Auch wenn die Schauspieler sehr ausgewogene kollektive Leistung bieten, ragt, schon wegen dem Text, die Gestalt des Milchmannes Tovje heraus. Zdeněk Junák, von Ladislav Kolář alterniert, fasste den Protagonisten wie einen Mann mit festen Prinzipien, der immer einen Kampf zwischen dem Kleben an den Traditionen und der Stimme seines Herzens sowie Vernunft ausfechtet. Wenn die älteste Tochter Cajt den armen Schneider anstatt des reichen Fleischmannes heiraten will, gelingt es ihm, die Achtung vor den alten Regeln sowie die eigene Eitelkeit in sich zu unterdrücken, wenn aber die mittlere Tochter Chava einen Andersgläubigen geheimnisvoll heiratet, erklärt er sie mit Steinausdruck für tot.
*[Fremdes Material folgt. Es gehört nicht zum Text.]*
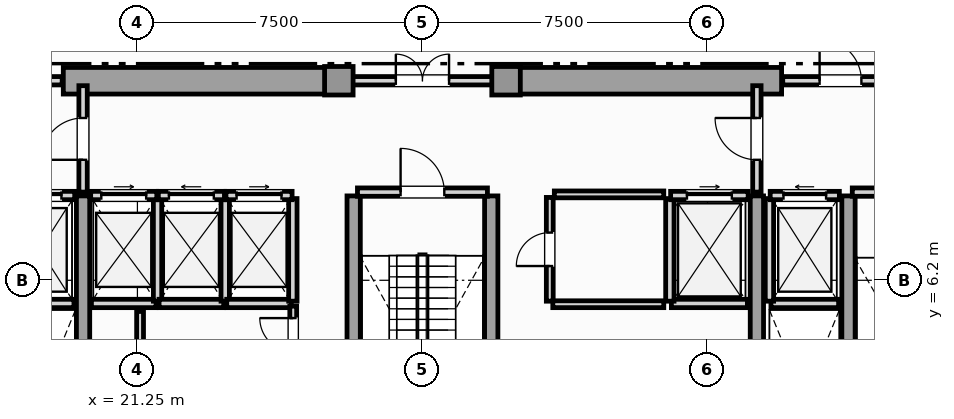
"""IFC4 building model, lengths in metres.
Left out: names, types, materials, properties, quantities, classifications, styles, units other than length and angle.
Written with IfcOpenShell. Run it as: python <this file> out.ifc"""

import sys

from ifc_helpers import new_model, si_unit, direction, frame, frame_2d, origin, origin_2d, place, context, subcontext, project, spatial, rectangle, extrude, element, fill, save


model = new_model("IFC4")
c1 = context("Model", 3, precision=1e-05, world=origin(), true_north=direction((0.0, 1.0)))
c2 = subcontext(c1, "Body", "Model", "MODEL_VIEW")
j1 = project(units=[si_unit("LENGTHUNIT", "METRE"), si_unit("PLANEANGLEUNIT", "RADIAN")], contexts=[c1])
p1 = place(None, origin())
s1 = spatial("IfcSite", under=j1, at=p1, CompositionType="ELEMENT")
p2 = place(p1, origin())
s2 = spatial("IfcBuilding", under=s1, at=p2, CompositionType="ELEMENT")
p3 = place(p2, frame((0.0, 0.0, 140.15)))
s3 = spatial("IfcBuildingStorey", under=s2, at=p3, CompositionType="ELEMENT", Elevation=140.15)
for number, where, z_axis, x_axis in (
    (1, (19.3, 11.45, 0.0), (0.0, 0.0, 1.0), (1.0, 0.0, 0.0)),
    (2, (30.9, 11.45, 0.0), (0.0, 0.0, 1.0), (1.0, 0.0, 0.0)),
):
    element("IfcWall", number, at=place(p3, frame(where, z_axis=z_axis, x_axis=x_axis)), inside=s3, PredefinedType="SHEAR", context=c2, shape_type="SweptSolid", body=[
        extrude(rectangle(XDim=7.3, YDim=0.7, at=frame_2d((3.65, 0.0))), origin(), (0.0, 0.0, 1.0), 4.83),
    ])
for number, where, z_axis, x_axis in (
    (3, (19.82, 0.92, 0.0), (0.0, 0.0, 1.0), (0.0, 1.0, 0.0)),
    (4, (26.94, 0.92, 0.0), (0.0, 0.0, 1.0), (0.0, 1.0, 0.0)),
    (5, (30.56, 0.92, 0.0), (0.0, 0.0, 1.0), (0.0, 1.0, 0.0)),
    (6, (37.55, 0.92, 0.0), (0.0, 0.0, 1.0), (0.0, 1.0, 0.0)),
    (7, (39.96, 0.92, 0.0), (0.0, 0.0, 1.0), (0.0, 1.0, 0.0)),
):
    element("IfcWall", number, at=place(p3, frame(where, z_axis=z_axis, x_axis=x_axis)), inside=s3, PredefinedType="SHEAR", context=c2, shape_type="SweptSolid", body=[
        extrude(rectangle(XDim=7.5, YDim=0.35, at=frame_2d((3.75, 0.0))), origin(), (0.0, 0.0, 1.0), 4.83),
    ])
for number, where, z_axis, x_axis in (
    (8, (26.55, 11.45, 0.0), (0.0, 0.0, 1.0), (1.0, 0.0, 0.0)),
    (9, (30.95, 11.45, 0.0), (0.0, 0.0, 1.0), (1.0, 0.0, 0.0)),
):
    element("IfcColumn", number, at=place(p3, frame(where, z_axis=z_axis, x_axis=x_axis)), inside=s3, PredefinedType="COLUMN", context=c2, shape_type="SweptSolid", body=[
        extrude(rectangle(XDim=0.75, YDim=0.75, at=origin_2d()), origin(), (0.0, 0.0, 1.0), 5.05),
    ])
p4 = place(p3, frame((17.8, 5.59, 0.0), z_axis=(0.0, 0.0, 1.0), x_axis=(1.0, 0.0, 0.0)))
e10 = element("IfcWall", 10, at=p4, inside=s3, PredefinedType="SOLIDWALL", context=c2, shape_type="SweptSolid", body=[
    extrude(rectangle(XDim=1.78, YDim=0.22, at=frame_2d((0.89, 0.0))), origin(), (0.0, 0.0, 1.0), 4.83),
])
p5 = place(p3, frame((17.78, 8.43, 0.0), z_axis=(0.0, 0.0, 1.0), x_axis=(1.0, 0.0, 0.0)))
e11 = element("IfcWall", 11, at=p5, inside=s3, PredefinedType="SOLIDWALL", context=c2, shape_type="SweptSolid", body=[
    extrude(rectangle(XDim=1.82, YDim=0.22, at=frame_2d((0.91, 0.0))), origin(), (0.0, 0.0, 1.0), 4.83),
])
p6 = place(p5, frame((0.35, 0.0, 0.0)))
e12 = element("IfcOpeningElement", 12, at=p6, cuts=e11, PredefinedType="OPENING", context=c2, shape_type="SweptSolid", body=[
    extrude(rectangle(XDim=1.12, YDim=2.25, at=frame_2d((0.56, 1.125))), frame((0.0, 0.12, 0.0), z_axis=(0.0, -1.0, 0.0), x_axis=(1.0, 0.0, 0.0)), (0.0, 0.0, 1.0), 0.24),
])
p7 = place(p3, frame((37.92, 5.59, 0.0), z_axis=(0.0, 0.0, 1.0), x_axis=(1.0, 0.0, 0.0)))
e13 = element("IfcWall", 13, at=p7, inside=s3, PredefinedType="SOLIDWALL", context=c2, shape_type="SweptSolid", body=[
    extrude(rectangle(XDim=1.78, YDim=0.22, at=frame_2d((0.89, 0.0))), origin(), (0.0, 0.0, 1.0), 4.83),
])
p8 = place(p3, frame((37.88, 5.65, 0.0), z_axis=(0.0, 0.0, 1.0), x_axis=(0.0, 1.0, 0.0)))
e14 = element("IfcWall", 14, at=p8, inside=s3, PredefinedType="SOLIDWALL", context=c2, shape_type="SweptSolid", body=[
    extrude(rectangle(XDim=2.7, YDim=0.22, at=frame_2d((1.35, 0.0))), origin(), (0.0, 0.0, 1.0), 4.83),
])
p9 = place(p3, frame((37.9, 8.43, 0.0), z_axis=(0.0, 0.0, 1.0), x_axis=(1.0, 0.0, 0.0)))
e15 = element("IfcWall", 15, at=p9, inside=s3, PredefinedType="SOLIDWALL", context=c2, shape_type="SweptSolid", body=[
    extrude(rectangle(XDim=1.82, YDim=0.22, at=frame_2d((0.91, 0.0))), origin(), (0.0, 0.0, 1.0), 4.83),
])
p10 = place(p9, frame((0.35, 0.0, 0.0)))
e16 = element("IfcOpeningElement", 16, at=p10, cuts=e15, PredefinedType="OPENING", context=c2, shape_type="SweptSolid", body=[
    extrude(rectangle(XDim=1.12, YDim=2.25, at=frame_2d((0.56, 1.125))), frame((0.0, 0.12, 0.0), z_axis=(0.0, -1.0, 0.0), x_axis=(1.0, 0.0, 0.0)), (0.0, 0.0, 1.0), 0.24),
])
p11 = place(p3, frame((35.3, 5.59, 0.0), z_axis=(0.0, 0.0, 1.0), x_axis=(1.0, 0.0, 0.0)))
e17 = element("IfcWall", 17, at=p11, inside=s3, PredefinedType="SOLIDWALL", context=c2, shape_type="SweptSolid", body=[
    extrude(rectangle(XDim=2.0, YDim=0.22, at=frame_2d((1.0, 0.0))), origin(), (0.0, 0.0, 1.0), 4.83),
])
p12 = place(p3, frame((35.26, 5.65, 0.0), z_axis=(0.0, 0.0, 1.0), x_axis=(0.0, 1.0, 0.0)))
e18 = element("IfcWall", 18, at=p12, inside=s3, PredefinedType="SOLIDWALL", context=c2, shape_type="SweptSolid", body=[
    extrude(rectangle(XDim=2.7, YDim=0.22, at=frame_2d((1.35, 0.0))), origin(), (0.0, 0.0, 1.0), 4.83),
])
p13 = place(p3, frame((35.28, 8.43, 0.0), z_axis=(0.0, 0.0, 1.0), x_axis=(1.0, 0.0, 0.0)))
e19 = element("IfcWall", 19, at=p13, inside=s3, PredefinedType="SOLIDWALL", context=c2, shape_type="SweptSolid", body=[
    extrude(rectangle(XDim=2.04, YDim=0.22, at=frame_2d((1.02, 0.0))), origin(), (0.0, 0.0, 1.0), 4.83),
])
p14 = place(p13, frame((0.43, 0.0, 0.0)))
e20 = element("IfcOpeningElement", 20, at=p14, cuts=e19, PredefinedType="OPENING", context=c2, shape_type="SweptSolid", body=[
    extrude(rectangle(XDim=1.18, YDim=2.2, at=frame_2d((0.59, 1.1))), frame((0.0, 0.12, 0.0), z_axis=(0.0, -1.0, 0.0), x_axis=(1.0, 0.0, 0.0)), (0.0, 0.0, 1.0), 0.24),
])
p15 = place(p3, frame((20.04, 5.59, 0.0), z_axis=(0.0, 0.0, 1.0), x_axis=(1.0, 0.0, 0.0)))
e21 = element("IfcWall", 21, at=p15, inside=s3, PredefinedType="SOLIDWALL", context=c2, shape_type="SweptSolid", body=[
    extrude(rectangle(XDim=1.7, YDim=0.22, at=frame_2d((0.85, 0.0))), origin(), (0.0, 0.0, 1.0), 4.83),
])
p16 = place(p3, frame((21.78, 5.65, 0.0), z_axis=(0.0, 0.0, 1.0), x_axis=(0.0, 1.0, 0.0)))
e22 = element("IfcWall", 22, at=p16, inside=s3, PredefinedType="SOLIDWALL", context=c2, shape_type="SweptSolid", body=[
    extrude(rectangle(XDim=2.7, YDim=0.22, at=frame_2d((1.35, 0.0))), origin(), (0.0, 0.0, 1.0), 4.83),
])
p17 = place(p3, frame((20.02, 8.43, 0.0), z_axis=(0.0, 0.0, 1.0), x_axis=(1.0, 0.0, 0.0)))
e23 = element("IfcWall", 23, at=p17, inside=s3, PredefinedType="SOLIDWALL", context=c2, shape_type="SweptSolid", body=[
    extrude(rectangle(XDim=1.74, YDim=0.22, at=frame_2d((0.87, 0.0))), origin(), (0.0, 0.0, 1.0), 4.83),
])
p18 = place(p17, frame((0.28, 0.0, 0.0)))
e24 = element("IfcOpeningElement", 24, at=p18, cuts=e23, PredefinedType="OPENING", context=c2, shape_type="SweptSolid", body=[
    extrude(rectangle(XDim=1.18, YDim=2.2, at=frame_2d((0.59, 1.1))), frame((0.0, 0.12, 0.0), z_axis=(0.0, -1.0, 0.0), x_axis=(1.0, 0.0, 0.0)), (0.0, 0.0, 1.0), 0.24),
])
p19 = place(p3, frame((21.82, 5.59, 0.0), z_axis=(0.0, 0.0, 1.0), x_axis=(1.0, 0.0, 0.0)))
e25 = element("IfcWall", 25, at=p19, inside=s3, PredefinedType="SOLIDWALL", context=c2, shape_type="SweptSolid", body=[
    extrude(rectangle(XDim=1.7, YDim=0.22, at=frame_2d((0.85, 0.0))), origin(), (0.0, 0.0, 1.0), 4.83),
])
p20 = place(p3, frame((23.56, 5.65, 0.0), z_axis=(0.0, 0.0, 1.0), x_axis=(0.0, 1.0, 0.0)))
e26 = element("IfcWall", 26, at=p20, inside=s3, PredefinedType="SOLIDWALL", context=c2, shape_type="SweptSolid", body=[
    extrude(rectangle(XDim=2.7, YDim=0.22, at=frame_2d((1.35, 0.0))), origin(), (0.0, 0.0, 1.0), 4.83),
])
p21 = place(p3, frame((21.8, 8.43, 0.0), z_axis=(0.0, 0.0, 1.0), x_axis=(1.0, 0.0, 0.0)))
e27 = element("IfcWall", 27, at=p21, inside=s3, PredefinedType="SOLIDWALL", context=c2, shape_type="SweptSolid", body=[
    extrude(rectangle(XDim=1.74, YDim=0.22, at=frame_2d((0.87, 0.0))), origin(), (0.0, 0.0, 1.0), 4.83),
])
p22 = place(p21, frame((0.28, 0.0, 0.0)))
e28 = element("IfcOpeningElement", 28, at=p22, cuts=e27, PredefinedType="OPENING", context=c2, shape_type="SweptSolid", body=[
    extrude(rectangle(XDim=1.18, YDim=2.2, at=frame_2d((0.59, 1.1))), frame((0.0, 0.12, 0.0), z_axis=(0.0, -1.0, 0.0), x_axis=(1.0, 0.0, 0.0)), (0.0, 0.0, 1.0), 0.24),
])
p23 = place(p3, frame((23.6, 5.59, 0.0), z_axis=(0.0, 0.0, 1.0), x_axis=(1.0, 0.0, 0.0)))
e29 = element("IfcWall", 29, at=p23, inside=s3, PredefinedType="SOLIDWALL", context=c2, shape_type="SweptSolid", body=[
    extrude(rectangle(XDim=1.7, YDim=0.22, at=frame_2d((0.85, 0.0))), origin(), (0.0, 0.0, 1.0), 4.83),
])
p24 = place(p3, frame((25.34, 5.65, 0.0), z_axis=(0.0, 0.0, 1.0), x_axis=(0.0, 1.0, 0.0)))
e30 = element("IfcWall", 30, at=p24, inside=s3, PredefinedType="SOLIDWALL", context=c2, shape_type="SweptSolid", body=[
    extrude(rectangle(XDim=2.7, YDim=0.22, at=frame_2d((1.35, 0.0))), origin(), (0.0, 0.0, 1.0), 4.83),
])
p25 = place(p3, frame((23.58, 8.43, 0.0), z_axis=(0.0, 0.0, 1.0), x_axis=(1.0, 0.0, 0.0)))
e31 = element("IfcWall", 31, at=p25, inside=s3, PredefinedType="SOLIDWALL", context=c2, shape_type="SweptSolid", body=[
    extrude(rectangle(XDim=1.74, YDim=0.22, at=frame_2d((0.87, 0.0))), origin(), (0.0, 0.0, 1.0), 4.83),
])
p26 = place(p25, frame((0.28, 0.0, 0.0)))
e32 = element("IfcOpeningElement", 32, at=p26, cuts=e31, PredefinedType="OPENING", context=c2, shape_type="SweptSolid", body=[
    extrude(rectangle(XDim=1.18, YDim=2.2, at=frame_2d((0.59, 1.1))), frame((0.0, 0.12, 0.0), z_axis=(0.0, -1.0, 0.0), x_axis=(1.0, 0.0, 0.0)), (0.0, 0.0, 1.0), 0.24),
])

Die Junáks Leistung war nicht nur bei der Interpretation der bewährten Hits, wie das Lied Wäre ich Rotschild sein, zuverlässig, sondern auch bei kleinen humorvollen Austritten, wie z.B. bei der komischen Überspielung des fingierten Traumes vor der eigenen Frau. Miroslava Kolářová spielt ihre Golda mit Innenspannung wie eine abgerackerte Hausfrau, in der sich doch in gespannten Momenten Verständnis und Liebenswürdigkeit erwecken. Sie gab ihrer Heldin tragische Dimension, ohne dabei zu Nostalgie oder Pathos zu fallen.
An der Inszenierung Der Fiedler auf dem Dach im Stadttheater Brno ist sympathisch, dass es sich um keine polierte Schau handelt. Einfache Szene, strenge Kostüme, sparsame Schauspielkunst – das sind die Mittel, mit denen die einfache Geschichte über einfache Menschen in einer ungastlichen Welt die Dimension einer wirkungsvollen Tragödie bekommt. Diese Feststellung ist umso mehr wertvoller, dass solcher Zutritt zum Musical in unserem Land nicht gewöhnlich ist.